Reading Roman Coins is a digital exhibition by two Classical Studies courses- Roman-Art & Archaeology and Elementary Latin during the fall semester of 2020. The project was led by Dr. Elizabeth Baughan, Associate Professor of Classics and Archaeology in the University’s Department of Classical Studies. The Latin students transcribed and analyzed the coin legends, while the Roman Art students interpreted the iconography. Learn more about the online exhibition designed and produced by a team of students from both classes.

Q&A with Dr. Baughan

How did the project come to be?
This project grew from the field trip my Roman Art class used to take to the Lora Robins Gallery, to examine Late Roman coins firsthand.  In previous semesters we would also visit the VMFA, and students would write a detailed analysis of one of the Roman artworks on view there. Last summer as I was re-envisioning the class for the hybrid semester, I realized that with high-quality digital photos of the coins I could combine the two activities into one project. I happened to be teaching Latin 101 the same semester, and I thought bringing the Latin students into the project would be beneficial for that course as well.
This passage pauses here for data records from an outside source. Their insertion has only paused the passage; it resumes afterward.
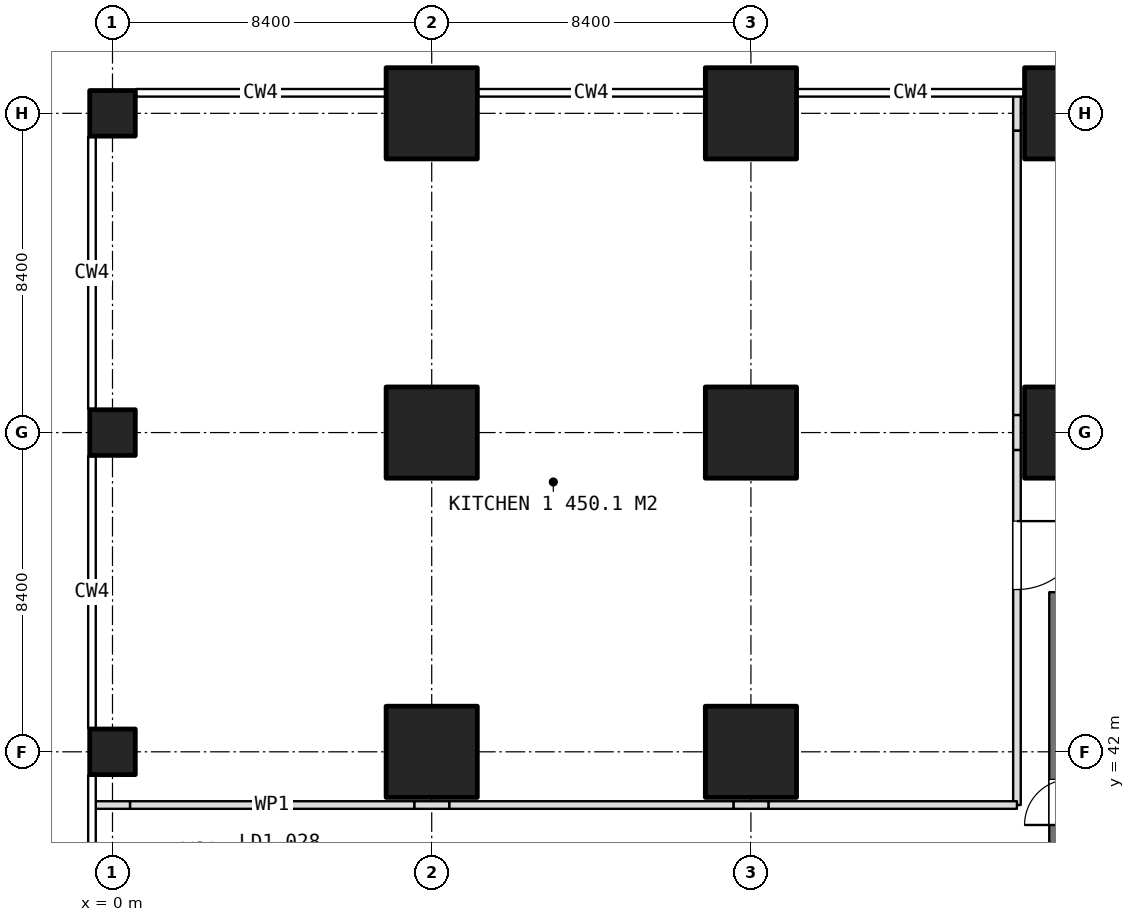
"""IFC4 building model, lengths in metres.
Left out: names, types, materials, properties, quantities, classifications, styles, units other than length and angle.
Written with IfcOpenShell. Run it as: python <this file> out.ifc"""

import sys

from ifc_helpers import new_model, si_unit, direction, frame, frame_2d, origin, origin_2d, place, context, subcontext, project, spatial, rectangle, extrude, element, fill, save


model = new_model("IFC4")
c1 = context("Model", 3, precision=1e-05, world=origin(), true_north=direction((0.0, 1.0)))
c2 = subcontext(c1, "Body", "Model", "MODEL_VIEW")
j1 = project(units=[si_unit("LENGTHUNIT", "METRE"), si_unit("PLANEANGLEUNIT", "RADIAN")], contexts=[c1])
p1 = place(None, origin())
s1 = spatial("IfcSite", under=j1, at=p1, CompositionType="ELEMENT")
p2 = place(p1, origin())
s2 = spatial("IfcBuilding", under=s1, at=p2, CompositionType="ELEMENT")
p3 = place(p2, frame((0.0, 0.0, 15.4)))
s3 = spatial("IfcBuildingStorey", under=s2, at=p3, CompositionType="ELEMENT", Elevation=15.4)
p4 = place(p3, frame((25.2, 21.0, 0.0), z_axis=(0.0, 0.0, 1.0), x_axis=(0.0, 1.0, 0.0)))
e1 = element("IfcWall", 1, at=p4, inside=s3, PredefinedType="SHEAR", context=c2, shape_type="SweptSolid", body=[
    extrude(rectangle(XDim=25.2, YDim=1.1, at=frame_2d((12.6, 0.0))), origin(), (0.0, 0.0, 1.0), 5.0),
])
p5 = place(p4, frame((7.8, 0.0, 0.0)))
e2 = element("IfcOpeningElement", 2, at=p5, cuts=e1, PredefinedType="OPENING", context=c2, shape_type="SweptSolid", body=[
    extrude(rectangle(XDim=1.2, YDim=2.1, at=frame_2d((0.6, 1.05))), frame((0.0, 0.56, 0.0), z_axis=(0.0, -1.0, 0.0), x_axis=(1.0, 0.0, 0.0)), (0.0, 0.0, 1.0), 1.12),
])
p6 = place(p4, frame((14.25, 0.0, 0.0)))
e3 = element("IfcOpeningElement", 3, at=p6, cuts=e1, PredefinedType="OPENING", context=c2, shape_type="SweptSolid", body=[
    extrude(rectangle(XDim=0.9, YDim=2.1, at=frame_2d((0.45, 1.05))), frame((0.0, 0.56, 0.0), z_axis=(0.0, -1.0, 0.0), x_axis=(1.0, 0.0, 0.0)), (0.0, 0.0, 1.0), 1.12),
])
p7 = place(p4, frame((16.85, 0.0, 0.0)))
e4 = element("IfcOpeningElement", 4, at=p7, cuts=e1, PredefinedType="OPENING", context=c2, shape_type="SweptSolid", body=[
    extrude(rectangle(XDim=0.9, YDim=2.1, at=frame_2d((0.45, 1.05))), frame((0.0, 0.56, 0.0), z_axis=(0.0, -1.0, 0.0), x_axis=(1.0, 0.0, 0.0)), (0.0, 0.0, 1.0), 1.12),
])
p8 = place(p4, frame((19.075, 0.0, 0.0)))
e5 = element("IfcOpeningElement", 5, at=p8, cuts=e1, PredefinedType="OPENING", context=c2, shape_type="SweptSolid", body=[
    extrude(rectangle(XDim=1.2, YDim=2.1, at=frame_2d((0.6, 1.05))), frame((0.0, 0.56, 0.0), z_axis=(0.0, -1.0, 0.0), x_axis=(1.0, 0.0, 0.0)), (0.0, 0.0, 1.0), 1.12),
])
for number, where, z_axis, x_axis in (
    (6, (0.0, 42.0, 0.0), (0.0, 0.0, 1.0), (1.0, 0.0, 0.0)),
    (7, (0.0, 50.4, 0.0), (0.0, 0.0, 1.0), (1.0, 0.0, 0.0)),
    (8, (0.0, 58.8, 0.0), (0.0, 0.0, 1.0), (1.0, 0.0, 0.0)),
):
    element("IfcColumn", number, at=place(p3, frame(where, z_axis=z_axis, x_axis=x_axis)), inside=s3, PredefinedType="COLUMN", context=c2, shape_type="SweptSolid", body=[
        extrude(rectangle(XDim=1.2, YDim=1.2, at=origin_2d()), origin(), (0.0, 0.0, 1.0), 5.0),
    ])
for number, where, z_axis, x_axis in (
    (9, (8.4, 42.0, 0.0), (0.0, 0.0, 1.0), (1.0, 0.0, 0.0)),
    (10, (8.4, 50.4, 0.0), (0.0, 0.0, 1.0), (1.0, 0.0, 0.0)),
    (11, (8.4, 58.8, 0.0), (0.0, 0.0, 1.0), (1.0, 0.0, 0.0)),
    (12, (16.8, 42.0, 0.0), (0.0, 0.0, 1.0), (1.0, 0.0, 0.0)),
    (13, (16.8, 50.4, 0.0), (0.0, 0.0, 1.0), (1.0, 0.0, 0.0)),
    (14, (16.8, 58.8, 0.0), (0.0, 0.0, 1.0), (1.0, 0.0, 0.0)),
    (15, (25.2, 50.4, 0.0), (0.0, 0.0, 1.0), (1.0, 0.0, 0.0)),
    (16, (25.2, 58.8, 0.0), (0.0, 0.0, 1.0), (1.0, 0.0, 0.0)),
):
    element("IfcColumn", number, at=place(p3, frame(where, z_axis=z_axis, x_axis=x_axis)), inside=s3, PredefinedType="COLUMN", context=c2, shape_type="SweptSolid", body=[
        extrude(rectangle(XDim=2.4, YDim=2.4, at=origin_2d()), origin(), (0.0, 0.0, 1.0), 5.0),
    ])
p9 = place(p3, frame((23.8, 59.29, 0.0), z_axis=(0.0, 0.0, 1.0), x_axis=(0.0, -1.0, 0.0)))
e17 = element("IfcWall", 17, at=p9, inside=s3, PredefinedType="PARTITIONING", context=c2, shape_type="SweptSolid", body=[
    extrude(rectangle(XDim=0.95, YDim=0.2, at=frame_2d((0.475, 0.0))), origin(), (0.0, 0.0, 1.0), 2.9),
])
p10 = place(p3, frame((23.8, 58.34, 0.0), z_axis=(0.0, 0.0, 1.0), x_axis=(0.0, -1.0, 0.0)))
e18 = element("IfcWall", 18, at=p10, inside=s3, PredefinedType="PARTITIONING", context=c2, shape_type="SweptSolid", body=[
    extrude(rectangle(XDim=7.48, YDim=0.2, at=frame_2d((3.74, 0.0))), origin(), (0.0, 0.0, 1.0), 4.7),
])
p11 = place(p3, frame((23.8, 50.86, 0.0), z_axis=(0.0, 0.0, 1.0), x_axis=(0.0, -1.0, 0.0)))
e19 = element("IfcWall", 19, at=p11, inside=s3, PredefinedType="PARTITIONING", context=c2, shape_type="SweptSolid", body=[
    extrude(rectangle(XDim=0.92, YDim=0.2, at=frame_2d((0.46, 0.0))), origin(), (0.0, 0.0, 1.0), 2.9),
])
p12 = place(p3, frame((23.8, 49.94, 0.0), z_axis=(0.0, 0.0, 1.0), x_axis=(0.0, -1.0, 0.0)))
e20 = element("IfcWall", 20, at=p12, inside=s3, PredefinedType="PARTITIONING", context=c2, shape_type="SweptSolid", body=[
    extrude(rectangle(XDim=9.34, YDim=0.2, at=frame_2d((4.67, 0.0))), origin(), (0.0, 0.0, 1.0), 4.7),
])
p13 = place(p12, frame((1.87, 0.0, 0.0)))
e21 = element("IfcOpeningElement", 21, at=p13, cuts=e20, PredefinedType="OPENING", context=c2, shape_type="SweptSolid", body=[
    extrude(rectangle(XDim=1.8, YDim=2.1, at=frame_2d((0.9, 1.05))), frame((0.0, 0.11, 0.0), z_axis=(0.0, -1.0, 0.0), x_axis=(1.0, 0.0, 0.0)), (0.0, 0.0, 1.0), 0.22),
])
p14 = place(p3, frame((23.8, 40.6, 0.0), z_axis=(0.0, 0.0, 1.0), x_axis=(-1.0, 0.0, 0.0)))
e22 = element("IfcWall", 22, at=p14, inside=s3, PredefinedType="PARTITIONING", context=c2, shape_type="SweptSolid", body=[
    extrude(rectangle(XDim=6.54, YDim=0.2, at=frame_2d((3.27, 0.0))), origin(), (0.0, 0.0, 1.0), 4.7),
])
p15 = place(p3, frame((17.26, 40.6, 0.0), z_axis=(0.0, 0.0, 1.0), x_axis=(-1.0, 0.0, 0.0)))
e23 = element("IfcWall", 23, at=p15, inside=s3, PredefinedType="PARTITIONING", context=c2, shape_type="SweptSolid", body=[
    extrude(rectangle(XDim=0.92, YDim=0.2, at=frame_2d((0.46, 0.0))), origin(), (0.0, 0.0, 1.0), 2.9),
])
p16 = place(p3, frame((16.34, 40.6, 0.0), z_axis=(0.0, 0.0, 1.0), x_axis=(-1.0, 0.0, 0.0)))
e24 = element("IfcWall", 24, at=p16, inside=s3, PredefinedType="PARTITIONING", context=c2, shape_type="SweptSolid", body=[
    extrude(rectangle(XDim=7.48, YDim=0.2, at=frame_2d((3.74, 0.0))), origin(), (0.0, 0.0, 1.0), 4.7),
])
p17 = place(p3, frame((8.86, 40.6, 0.0), z_axis=(0.0, 0.0, 1.0), x_axis=(-1.0, 0.0, 0.0)))
e25 = element("IfcWall", 25, at=p17, inside=s3, PredefinedType="PARTITIONING", context=c2, shape_type="SweptSolid", body=[
    extrude(rectangle(XDim=0.92, YDim=0.2, at=frame_2d((0.46, 0.0))), origin(), (0.0, 0.0, 1.0), 2.9),
])
p18 = place(p3, frame((7.94, 40.6, 0.0), z_axis=(0.0, 0.0, 1.0), x_axis=(-1.0, 0.0, 0.0)))
e26 = element("IfcWall", 26, at=p18, inside=s3, PredefinedType="PARTITIONING", context=c2, shape_type="SweptSolid", body=[
    extrude(rectangle(XDim=7.48, YDim=0.2, at=frame_2d((3.74, 0.0))), origin(), (0.0, 0.0, 1.0), 4.7),
])
p19 = place(p3, frame((0.46, 40.6, 0.0), z_axis=(0.0, 0.0, 1.0), x_axis=(-1.0, 0.0, 0.0)))
e27 = element("IfcWall", 27, at=p19, inside=s3, PredefinedType="PARTITIONING", context=c2, shape_type="SweptSolid", body=[
    extrude(rectangle(XDim=0.95, YDim=0.2, at=frame_2d((0.475, 0.0))), origin(), (0.0, 0.0, 1.0), 2.9),
])
p20 = place(p13, origin())
e28 = element("IfcDoor", 28, at=p20, inside=s3, OperationType="DOUBLE_DOOR_SINGLE_SWING", PredefinedType="DOOR", context=c2, shape_type="SweptSolid", body=[
    extrude(rectangle(XDim=1.8, YDim=2.1, at=frame_2d((0.9, 1.05))), frame((0.0, 0.025, 0.0), z_axis=(0.0, -1.0, 0.0), x_axis=(1.0, 0.0, 0.0)), (0.0, 0.0, 1.0), 0.05),
])
fill(e21, e28)
save(model, sys.argv[1])

When planning for the semester I thought for sure we would be entirely remote by November (when both classes would have enough knowledge to analyze the coins properly), so I was thrilled that the students could actually view the coins in person and so thankful to Martha and Matthew for making that happen.

How was the coin collection at Lora Robins beneficial to the research/the project?  
It was essential! Without these coins to examine firsthand and study in detailed photos, there would have been no project.

Anything else you’d like to say about the project?
Though this digital project was born from pandemic constraints, it is something I would like to continue whenever I teach Roman Art or Latin 101 in the future.